Hi, it’s selecting the 4th layer of the model2, which is the MobileNet layer which itself contains more than a hundred layers, and we will need to freeze everything before layer 120 by setting the trainable parameter to false.

Hi… thanks for your answer. I understood also that: it’s selecting the 4th layer of the model2. But not sure how/why/where it is used, since after that, we compile is model2 and not base model. Should not we compile then base model and not model2?
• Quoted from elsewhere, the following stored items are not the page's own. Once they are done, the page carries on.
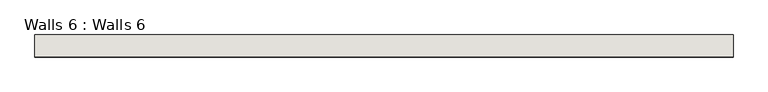
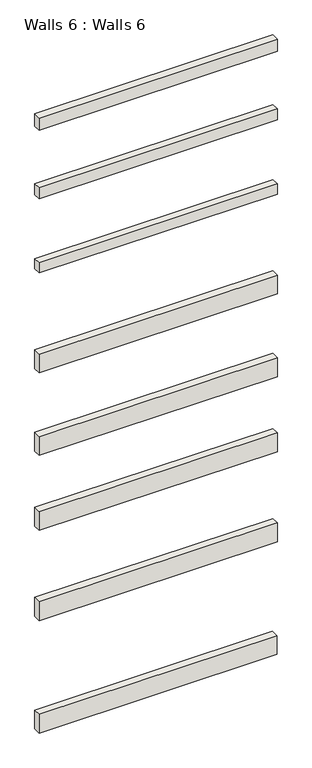
"""IFC4 building model written with IfcOpenShell, lengths in millimetres: wall geometry, Walls 6 : Walls 6."""

from ifc_helpers import new_model, si_unit, frame, origin, place, context, project, spatial, polyline, outline, extrude, source, transform, mapped, element, save


def walls_6_walls_6_eefe2e9b(model_context):
    return source(origin(), model_context, "Body", "SweptSolid", [
        extrude(outline(polyline([(-15779.6883357, -20639.6232009), (-17305.5417193, -20639.6232009), (-17305.5417193, -20591.8841974), (-15779.6883357, -20591.8841974), (-15779.6883357, -20639.6232009)])), frame((0.0, 0.0, 4689.8421352), z_axis=(0.0, 0.0, 1.0), x_axis=(1.0, 0.0, 0.0)), (0.0, 0.0, 1.0), 83.0718698),
        extrude(outline(polyline([(-15779.6883357, -20639.6232009), (-17305.5417193, -20639.6232009), (-17305.5417193, -20591.8841974), (-15779.6883357, -20591.8841974), (-15779.6883357, -20639.6232009)])), frame((0.0, 0.0, 4226.2229814), z_axis=(0.0, 0.0, 1.0), x_axis=(1.0, 0.0, 0.0)), (0.0, 0.0, 1.0), 74.7310912),
        extrude(outline(polyline([(-15779.6883357, -20639.6232009), (-17305.5417193, -20639.6232009), (-17305.5417193, -20591.8841974), (-15779.6883357, -20591.8841974), (-15779.6883357, -20639.6232009)])), frame((0.0, 0.0, 3724.7361658), z_axis=(0.0, 0.0, 1.0), x_axis=(1.0, 0.0, 0.0)), (0.0, 0.0, 1.0), 68.2179068),
        extrude(outline(polyline([(-15779.6883357, -20639.6232009), (-17305.5417193, -20639.6232009), (-17305.5417193, -20591.8841974), (-15779.6883357, -20591.8841974), (-15779.6883357, -20639.6232009)])), frame((0.0, 0.0, 3048.0), z_axis=(0.0, 0.0, 1.0), x_axis=(1.0, 0.0, 0.0)), (0.0, 0.0, 1.0), 127.0),
        extrude(outline(polyline([(-15779.6883357, -20639.6232009), (-17305.5417193, -20639.6232009), (-17305.5417193, -20591.8841974), (-15779.6883357, -20591.8841974), (-15779.6883357, -20639.6232009)])), frame((0.0, 0.0, 1981.2), z_axis=(0.0, 0.0, 1.0), x_axis=(1.0, 0.0, 0.0)), (0.0, 0.0, 1.0), 127.0),
        extrude(outline(polyline([(-15779.6883357, -20639.6232009), (-17305.5417193, -20639.6232009), (-17305.5417193, -20591.8841974), (-15779.6883357, -20591.8841974), (-15779.6883357, -20639.6232009)])), frame((0.0, 0.0, 1371.6), z_axis=(0.0, 0.0, 1.0), x_axis=(1.0, 0.0, 0.0)), (0.0, 0.0, 1.0), 127.0),
        extrude(outline(polyline([(-15781.5417193, -20639.6232009), (-17305.5417193, -20639.6232009), (-17305.5417193, -20591.8841974), (-15781.5417193, -20591.8841974), (-15781.5417193, -20639.6232009)])), frame((0.0, 0.0, 609.6), z_axis=(0.0, 0.0, 1.0), x_axis=(1.0, 0.0, 0.0)), (0.0, 0.0, 1.0), 127.0),
        extrude(outline(polyline([(-15779.6883357, -20639.6232009), (-17305.5417193, -20639.6232009), (-17305.5417193, -20591.8841974), (-15779.6883357, -20591.8841974), (-15779.6883357, -20639.6232009)])), frame((0.0, 0.0, 2489.2), z_axis=(0.0, 0.0, 1.0), x_axis=(1.0, 0.0, 0.0)), (0.0, 0.0, 1.0), 127.0),
    ])


if __name__ == "__main__":
    model = new_model("IFC4")
    model_context = context("Model", 3, world=origin())
    ifc_project = project(units=[si_unit("LENGTHUNIT", "METRE", prefix="MILLI")], contexts=[model_context])
    site = spatial("IfcSite", under=ifc_project)
    building = spatial("IfcBuilding", under=site)
    placement = place(None, origin())
    walls_6_walls_6_shape = walls_6_walls_6_eefe2e9b(model_context)
    element("IfcWall", 1, ObjectType="Walls 6 : Walls 6", at=placement, inside=building, context=model_context, shape_type="MappedRepresentation", body=[
        mapped(walls_6_walls_6_shape, transform((0.0, 0.0, 0.0), x_axis=(1.0, 0.0, 0.0), y_axis=(0.0, 1.0, 0.0), z_axis=(0.0, 0.0, 1.0))),
    ])
    save(model, "model.ifc")

# Revit data of these elements
# Element 1 (IfcWall, "Walls 6 : Walls 6")
#   Materials on its faces: "Default Wall"
# Materials
#   "Default Wall": colour RGB 80 80 80, transparency 0

If I’m not wrong, there is a mistake in Exercise 3. When using model2 here, model2 uses the previous base model where all layers are frozen (Exercise 2). However, Exercise 3 unfreezes the layers from 120 to 155 in layer 4, which is assigned to a new base model. The second base model is a global variable, the previous base model is a local variable as it was defined in the function. So, there are 2 different base models. model2 still reads from the local base model. Fitting that occurs right after the global base model doesn’t use the modifications made with the global base model. Still, the accuracy goes up simply because the number of epochs is increased to 10, and the same old model2 continues training from epoch 5. I don’t know, maybe I’m missing something here.